Single by Brett Young

from the album Ticket to L.A.
- Released: June 3, 2019
- Genre: Country
- Length: 3:16
- Label: Big Machine
- Songwriters: Brett Young; Ross Copperman; Ashley Gorley;
- Producer: Dann Huff

Brett Young singles chronology
| "Here Tonight" (2018) | "Catch" (2019) | "I Do" (2020) |

= Catch (Brett Young song) =

"Catch" is a song co-written and recorded by American country music artist Brett Young. It was released on June 3, 2019 as the second single from his second studio album Ticket to L.A. (2018). Co-written by Young, Ross Copperman and Ashley Gorley, the song is about a man getting drinks after work and being smitten by a girl at the bar. "Catch" gave Young his fifth consecutive number-one hit on the Billboard Country Airplay chart. It also reached numbers five and 29 on both the Hot Country Songs and Hot 100 charts respectively. It was certified Platinum by the Recording Industry Association of America (RIAA), denoting sales of over one million units in the United States. The song also charted in Canada, reaching number three on the Canada Country chart and number 73 on the Canadian Hot 100. An accompanying music video for the single, directed by Seth Kupersmith, tells a semi-autobiographical story about Young's previous dream of playing in Major League Baseball ending after a career-ending injury and falling in love with his college girlfriend.

==Content==
Brett Young co-wrote the song with Ross Copperman and Ashley Gorley. Lyrically, the song details a man going out for drinks after work with friends and then unexpectedly falling in love with a girl he meets at the bar.

==Music video==
The music video for "Catch" premiered on June 3, 2019. It was directed by Seth Kupersmith and was filmed at Swayze Field at the University of Mississippi, Young's alma-mater. Young does not sing in the video. It is semi-autobiographical of Young's career path in that it follows his dream of pitching Major League Baseball, which is dashed when he suffers a career-ending injury, and falling in love with his college sweetheart.

==Chart performance==
"Catch" debuted at number 48 on the Billboard Country Airplay chart the week of June 8, 2019. It also debuted at number 43 on the Hot Country Songs chart the week of July 7. It went on to rank atop the Mediabase country radio singles chart, and was the most played and heard song for the week of April 11, 2020. The song peaked at number one on the Hot Country Songs chart for the week of April 18, giving Young his fifth consecutive number one on that chart. On the week of February 8, 2020, "Catch" debuted at number 96 on the Billboard Hot 100. Ten weeks later, it peaked at number 29 the week of April 18. The song reappeared in the same position it debuted on the week of June 20 before leaving completely, and remained on the chart for seventeen weeks. It was certified platinum by the RIAA in the US on February 25, 2021 for combined sales and streams of over a million units.

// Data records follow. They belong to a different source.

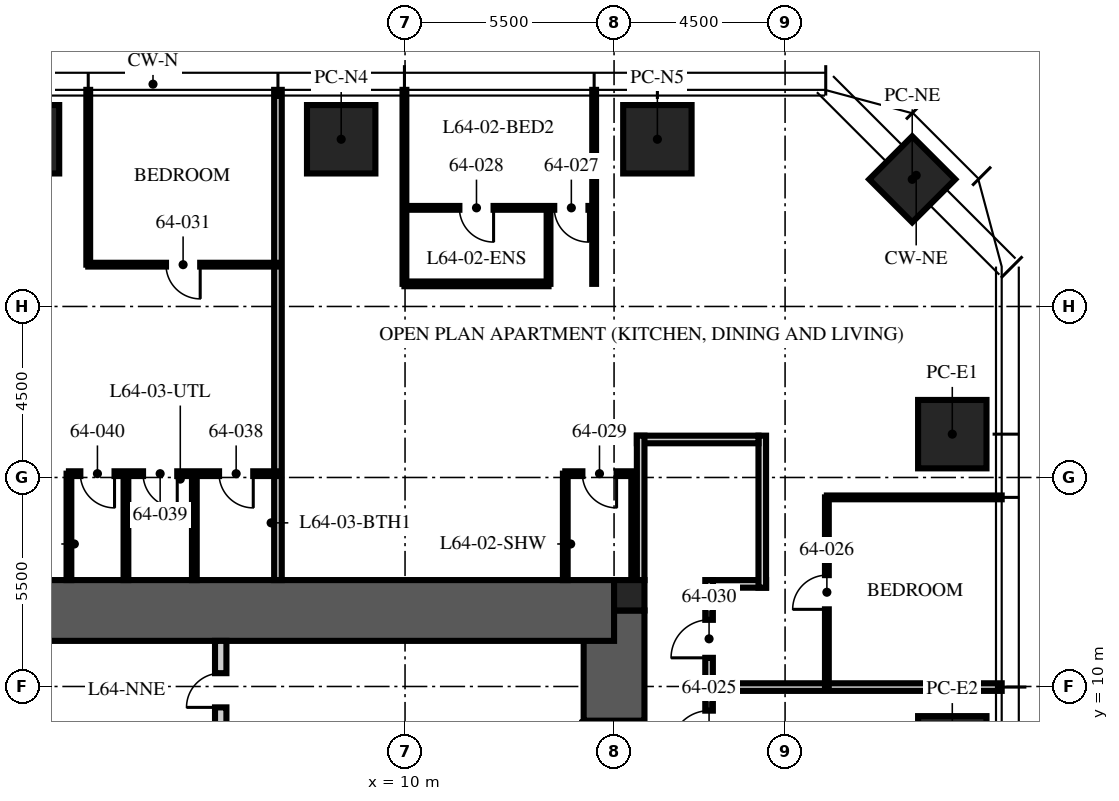
"""IFC4 building model, lengths in metres.
Left out: names, types, materials, properties, quantities, classifications, styles, units other than length and angle.
Written with IfcOpenShell. Run it as: python <this file> out.ifc"""

import sys

from ifc_helpers import new_model, si_unit, direction, frame, frame_2d, origin, origin_2d, place, context, subcontext, project, spatial, rectangle, extrude, element, fill, save


model = new_model("IFC4")
c1 = context("Model", 3, precision=1e-05, world=origin(), true_north=direction((0.0, 1.0)))
c2 = subcontext(c1, "Body", "Model", "MODEL_VIEW")
j1 = project(units=[si_unit("LENGTHUNIT", "METRE"), si_unit("PLANEANGLEUNIT", "RADIAN")], contexts=[c1])
p1 = place(None, origin())
s1 = spatial("IfcSite", under=j1, at=p1, CompositionType="ELEMENT")
p2 = place(p1, origin())
s2 = spatial("IfcBuilding", under=s1, at=p2, CompositionType="ELEMENT")
p3 = place(p2, frame((0.0, 0.0, 255.75)))
s3 = spatial("IfcBuildingStorey", under=s2, at=p3, CompositionType="ELEMENT", Elevation=255.75)
p4 = place(p3, frame((15.5, -12.0, -0.25), z_axis=(0.0, 0.0, 1.0), x_axis=(0.0, 1.0, 0.0)))
e1 = element("IfcWall", 1, at=p4, inside=s3, PredefinedType="SHEAR", context=c2, shape_type="SweptSolid", body=[
    extrude(rectangle(XDim=24.0, YDim=1.6, at=frame_2d((12.0, 0.0))), origin(), (0.0, 0.0, 1.0), 3.75),
])
p5 = place(p4, frame((3.2, 0.0, 0.25)))
e2 = element("IfcOpeningElement", 2, at=p5, cuts=e1, PredefinedType="OPENING", context=c2, shape_type="SweptSolid", body=[
    extrude(rectangle(XDim=1.2, YDim=2.1, at=frame_2d((0.6, 1.05))), frame((0.0, 0.81, 0.0), z_axis=(0.0, -1.0, 0.0), x_axis=(1.0, 0.0, 0.0)), (0.0, 0.0, 1.0), 1.62),
])
p6 = place(p4, frame((19.3, 0.0, 0.25)))
e3 = element("IfcOpeningElement", 3, at=p6, cuts=e1, PredefinedType="OPENING", context=c2, shape_type="SweptSolid", body=[
    extrude(rectangle(XDim=1.8, YDim=2.1, at=frame_2d((0.9, 1.05))), frame((0.0, 0.81, 0.0), z_axis=(0.0, -1.0, 0.0), x_axis=(1.0, 0.0, 0.0)), (0.0, 0.0, 1.0), 1.62),
])
p7 = place(p3, frame((-15.5, 12.0, -0.25), z_axis=(0.0, 0.0, 1.0), x_axis=(1.0, 0.0, 0.0)))
e4 = element("IfcWall", 4, at=p7, inside=s3, PredefinedType="SHEAR", context=c2, shape_type="SweptSolid", body=[
    extrude(rectangle(XDim=31.0, YDim=1.6, at=frame_2d((15.5, 0.0))), origin(), (0.0, 0.0, 1.0), 3.75),
])
p8 = place(p3, frame((15.9, 12.4, -0.25), z_axis=(0.0, 0.0, 1.0), x_axis=(1.0, 0.0, 0.0)))
e5 = element("IfcColumn", 5, at=p8, inside=s3, PredefinedType="COLUMN", context=c2, shape_type="SweptSolid", body=[
    extrude(rectangle(XDim=0.8, YDim=0.8, at=origin_2d()), origin(), (0.0, 0.0, 1.0), 3.75),
])
for number, where, z_axis, x_axis in (
    (6, (0.0, 24.4, 0.0), (0.0, 0.0, 1.0), (1.0, 0.0, 0.0)),
    (7, (8.32, 24.4, 0.0), (0.0, 0.0, 1.0), (1.0, 0.0, 0.0)),
    (8, (16.64, 24.4, 0.0), (0.0, 0.0, 1.0), (1.0, 0.0, 0.0)),
    (9, (24.4, 16.64, 0.0), (0.0, 0.0, 1.0), (0.0, 1.0, 0.0)),
    (10, (24.4, 8.32, 0.0), (0.0, 0.0, 1.0), (0.0, 1.0, 0.0)),
):
    element("IfcColumn", number, at=place(p3, frame(where, z_axis=z_axis, x_axis=x_axis)), inside=s3, PredefinedType="COLUMN", context=c2, shape_type="SweptSolid", body=[
        extrude(rectangle(XDim=1.8, YDim=1.8, at=origin_2d()), origin(), (0.0, 0.0, 1.0), 3.75),
    ])
p9 = place(p3, frame((23.346, 23.346, 0.0), z_axis=(0.0, 0.0, 1.0), x_axis=(0.707106781187, -0.707106781187, 0.0)))
e11 = element("IfcColumn", 11, at=p9, inside=s3, PredefinedType="COLUMN", context=c2, shape_type="SweptSolid", body=[
    extrude(rectangle(XDim=1.6, YDim=1.6, at=origin_2d()), origin(), (0.0, 0.0, 1.0), 3.75),
])
p10 = place(p3, frame((5.15, 5.3, 0.0), z_axis=(0.0, 0.0, 1.0), x_axis=(0.0, 1.0, 0.0)))
e12 = element("IfcWall", 12, at=p10, inside=s3, PredefinedType="PARTITIONING", context=c2, shape_type="SweptSolid", body=[
    extrude(rectangle(XDim=5.9, YDim=0.3, at=frame_2d((2.95, 0.0))), origin(), (0.0, 0.0, 1.0), 3.5),
])
p11 = place(p10, frame((4.15, 0.0, 0.0)))
e13 = element("IfcOpeningElement", 13, at=p11, cuts=e12, PredefinedType="OPENING", context=c2, shape_type="SweptSolid", body=[
    extrude(rectangle(XDim=0.9, YDim=2.1, at=frame_2d((0.45, 1.05))), frame((0.0, 0.16, 0.0), z_axis=(0.0, -1.0, 0.0), x_axis=(1.0, 0.0, 0.0)), (0.0, 0.0, 1.0), 0.32),
])
p12 = place(p3, frame((18.1, 12.7, 0.0), z_axis=(0.0, 0.0, 1.0), x_axis=(1.0, 0.0, 0.0)))
e14 = element("IfcWall", 14, at=p12, inside=s3, PredefinedType="PARTITIONING", context=c2, shape_type="SweptSolid", body=[
    extrude(rectangle(XDim=1.4, YDim=0.2, at=frame_2d((0.7, 0.0))), origin(), (0.0, 0.0, 1.0), 2.81),
])
p13 = place(p3, frame((19.4, 12.6, 0.0), z_axis=(0.0, 0.0, 1.0), x_axis=(0.0, 1.0, 0.0)))
e15 = element("IfcWall", 15, at=p13, inside=s3, PredefinedType="PARTITIONING", context=c2, shape_type="SweptSolid", body=[
    extrude(rectangle(XDim=4.0, YDim=0.2, at=frame_2d((2.0, 0.0))), origin(), (0.0, 0.0, 1.0), 2.6),
])
p14 = place(p3, frame((19.3, 16.5, 0.0), z_axis=(0.0, 0.0, 1.0), x_axis=(-1.0, 0.0, 0.0)))
e16 = element("IfcWall", 16, at=p14, inside=s3, PredefinedType="PARTITIONING", context=c2, shape_type="SweptSolid", body=[
    extrude(rectangle(XDim=3.2, YDim=0.2, at=frame_2d((1.6, 0.0))), origin(), (0.0, 0.0, 1.0), 2.3),
])
p15 = place(p3, frame((16.2, 16.6, 0.0), z_axis=(0.0, 0.0, 1.0), x_axis=(0.0, -1.0, 0.0)))
e17 = element("IfcWall", 17, at=p15, inside=s3, PredefinedType="PARTITIONING", context=c2, shape_type="SweptSolid", body=[
    extrude(rectangle(XDim=3.8, YDim=0.2, at=frame_2d((1.9, 0.0))), origin(), (0.0, 0.0, 1.0), 2.3),
])
p16 = place(p3, frame((18.1, 9.984, 0.0), z_axis=(0.0, 0.0, 1.0), x_axis=(1.0, 0.0, 0.0)))
e18 = element("IfcWall", 18, at=p16, inside=s3, PredefinedType="PARTITIONING", context=c2, shape_type="SweptSolid", body=[
    extrude(rectangle(XDim=7.6, YDim=0.2, at=frame_2d((3.8, 0.0))), origin(), (0.0, 0.0, 1.0), 2.91),
])
p17 = place(p3, frame((21.1, 14.976, 0.0), z_axis=(0.0, 0.0, 1.0), x_axis=(1.0, 0.0, 0.0)))
e19 = element("IfcWall", 19, at=p17, inside=s3, PredefinedType="PARTITIONING", context=c2, shape_type="SweptSolid", body=[
    extrude(rectangle(XDim=4.6, YDim=0.1, at=frame_2d((2.3, 0.0))), origin(), (0.0, 0.0, 1.0), 2.91),
])
for number, where, z_axis, x_axis in (
    (20, (14.976, 20.595, 0.0), (0.0, 0.0, 1.0), (0.0, 1.0, 0.0)),
    (21, (9.984, 20.595, 0.0), (0.0, 0.0, 1.0), (0.0, 1.0, 0.0)),
):
    element("IfcWall", number, at=place(p3, frame(where, z_axis=z_axis, x_axis=x_axis)), inside=s3, PredefinedType="PARTITIONING", context=c2, shape_type="SweptSolid", body=[
        extrude(rectangle(XDim=5.105, YDim=0.1, at=frame_2d((2.552, 0.0))), origin(), (0.0, 0.0, 1.0), 2.91),
    ])
p18 = place(p3, frame((6.656, 12.8, 0.0), z_axis=(0.0, 0.0, 1.0), x_axis=(0.0, 1.0, 0.0)))
e22 = element("IfcWall", 22, at=p18, inside=s3, PredefinedType="PARTITIONING", context=c2, shape_type="SweptSolid", body=[
    extrude(rectangle(XDim=12.9, YDim=0.2, at=frame_2d((6.45, 0.0))), origin(), (0.0, 0.0, 1.0), 2.91),
])
p19 = place(p3, frame((1.664, 21.1, 0.0), z_axis=(0.0, 0.0, 1.0), x_axis=(0.0, 1.0, 0.0)))
e23 = element("IfcWall", 23, at=p19, inside=s3, PredefinedType="PARTITIONING", context=c2, shape_type="SweptSolid", body=[
    extrude(rectangle(XDim=4.6, YDim=0.1, at=frame_2d((2.3, 0.0))), origin(), (0.0, 0.0, 1.0), 2.91),
])
p20 = place(p3, frame((21.1, 9.984, 0.0), z_axis=(0.0, 0.0, 1.0), x_axis=(0.0, 1.0, 0.0)))
e24 = element("IfcWall", 24, at=p20, inside=s3, PredefinedType="PARTITIONING", context=c2, shape_type="SweptSolid", body=[
    extrude(rectangle(XDim=4.992, YDim=0.1, at=frame_2d((2.496, 0.0))), origin(), (0.0, 0.0, 1.0), 2.81),
])
p21 = place(p20, frame((2.046, 0.0, 0.0)))
e25 = element("IfcOpeningElement", 25, at=p21, cuts=e24, PredefinedType="OPENING", context=c2, shape_type="SweptSolid", body=[
    extrude(rectangle(XDim=0.9, YDim=2.1, at=frame_2d((0.45, 1.05))), frame((0.0, 0.06, 0.0), z_axis=(0.0, -1.0, 0.0), x_axis=(1.0, 0.0, 0.0)), (0.0, 0.0, 1.0), 0.12),
])
p22 = place(p3, frame((14.976, 22.595, 0.0), z_axis=(0.0, 0.0, 1.0), x_axis=(-1.0, 0.0, 0.0)))
e26 = element("IfcWall", 26, at=p22, inside=s3, PredefinedType="PARTITIONING", context=c2, shape_type="SweptSolid", body=[
    extrude(rectangle(XDim=4.992, YDim=0.1, at=frame_2d((2.496, 0.0))), origin(), (0.0, 0.0, 1.0), 2.81),
])
p23 = place(p22, frame((0.15, 0.0, 0.0)))
e27 = element("IfcOpeningElement", 27, at=p23, cuts=e26, PredefinedType="OPENING", context=c2, shape_type="SweptSolid", body=[
    extrude(rectangle(XDim=0.9, YDim=2.1, at=frame_2d((0.45, 1.05))), frame((0.0, 0.06, 0.0), z_axis=(0.0, -1.0, 0.0), x_axis=(1.0, 0.0, 0.0)), (0.0, 0.0, 1.0), 0.12),
])
p24 = place(p22, frame((2.646, 0.0, 0.0)))
e28 = element("IfcOpeningElement", 28, at=p24, cuts=e26, PredefinedType="OPENING", context=c2, shape_type="SweptSolid", body=[
    extrude(rectangle(XDim=0.9, YDim=2.1, at=frame_2d((0.45, 1.05))), frame((0.0, 0.06, 0.0), z_axis=(0.0, -1.0, 0.0), x_axis=(1.0, 0.0, 0.0)), (0.0, 0.0, 1.0), 0.12),
])
p25 = place(p3, frame((13.776, 20.595, 0.0), z_axis=(0.0, 0.0, 1.0), x_axis=(0.0, 1.0, 0.0)))
e29 = element("IfcWall", 29, at=p25, inside=s3, PredefinedType="PARTITIONING", context=c2, shape_type="SweptSolid", body=[
    extrude(rectangle(XDim=2.0, YDim=0.1, at=frame_2d((1.0, 0.0))), origin(), (0.0, 0.0, 1.0), 3.5),
])
p26 = place(p3, frame((13.776, 20.595, 0.0), z_axis=(0.0, 0.0, 1.0), x_axis=(-1.0, 0.0, 0.0)))
e30 = element("IfcWall", 30, at=p26, inside=s3, PredefinedType="PARTITIONING", context=c2, shape_type="SweptSolid", body=[
    extrude(rectangle(XDim=3.792, YDim=0.125, at=frame_2d((1.896, 0.0))), origin(), (0.0, 0.0, 1.0), 2.81),
])
p27 = place(p3, frame((16.017, 15.6, 0.0), z_axis=(0.0, 0.0, 1.0), x_axis=(-1.0, 0.0, 0.0)))
e31 = element("IfcWall", 31, at=p27, inside=s3, PredefinedType="PARTITIONING", context=c2, shape_type="SweptSolid", body=[
    extrude(rectangle(XDim=1.8, YDim=0.125, at=frame_2d((0.9, 0.0))), origin(), (0.0, 0.0, 1.0), 3.5),
])
p28 = place(p27, frame((0.45, 0.0, 0.0)))
e32 = element("IfcOpeningElement", 32, at=p28, cuts=e31, PredefinedType="OPENING", context=c2, shape_type="SweptSolid", body=[
    extrude(rectangle(XDim=0.9, YDim=2.1, at=frame_2d((0.45, 1.05))), frame((0.0, 0.073, 0.0), z_axis=(0.0, -1.0, 0.0), x_axis=(1.0, 0.0, 0.0)), (0.0, 0.0, 1.0), 0.145),
])
p29 = place(p3, frame((16.017, 12.8, 0.0), z_axis=(0.0, 0.0, 1.0), x_axis=(0.0, 1.0, 0.0)))
e33 = element("IfcWall", 33, at=p29, inside=s3, PredefinedType="PARTITIONING", context=c2, shape_type="SweptSolid", body=[
    extrude(rectangle(XDim=2.8, YDim=0.125, at=frame_2d((1.4, 0.0))), origin(), (0.0, 0.0, 1.0), 2.3),
])
p30 = place(p3, frame((14.217, 12.8, 0.0), z_axis=(0.0, 0.0, 1.0), x_axis=(0.0, 1.0, 0.0)))
e34 = element("IfcWall", 34, at=p30, inside=s3, PredefinedType="PARTITIONING", context=c2, shape_type="SweptSolid", body=[
    extrude(rectangle(XDim=2.8, YDim=0.125, at=frame_2d((1.4, 0.0))), origin(), (0.0, 0.0, 1.0), 3.5),
])
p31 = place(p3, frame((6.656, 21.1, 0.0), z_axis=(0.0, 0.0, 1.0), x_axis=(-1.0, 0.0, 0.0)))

In Canada, the track debuted at number 92 on the Canadian Hot 100 the week it peaked on the Billboard Hot 100. It peaked at number 73 the week of May 2, and stayed on the chart for four weeks.

===Weekly charts===

| Chart (2019–2020) | Peak position |
|---|---|
| Canada Hot 100 (Billboard) | 73 |
| Canada Country (Billboard) | 3 |
| US Billboard Hot 100 | 29 |
| US Country Airplay (Billboard) | 1 |
| US Hot Country Songs (Billboard) | 5 |

===Year-end charts===

| Chart (2019) | Position |
|---|---|
| US Hot Country Songs (Billboard) | 92 |
| Chart (2020) | Position |
| US Country Airplay (Billboard) | 13 |
| US Hot Country Songs (Billboard) | 34 |

==Certifications==

| Region | Certification | Certified units/sales |
| Canada (Music Canada) | Platinum | 80,000^{‡} |
| United States (RIAA) | Platinum | 1,000,000^{‡} |
^{‡} Sales+streaming figures based on certification alone.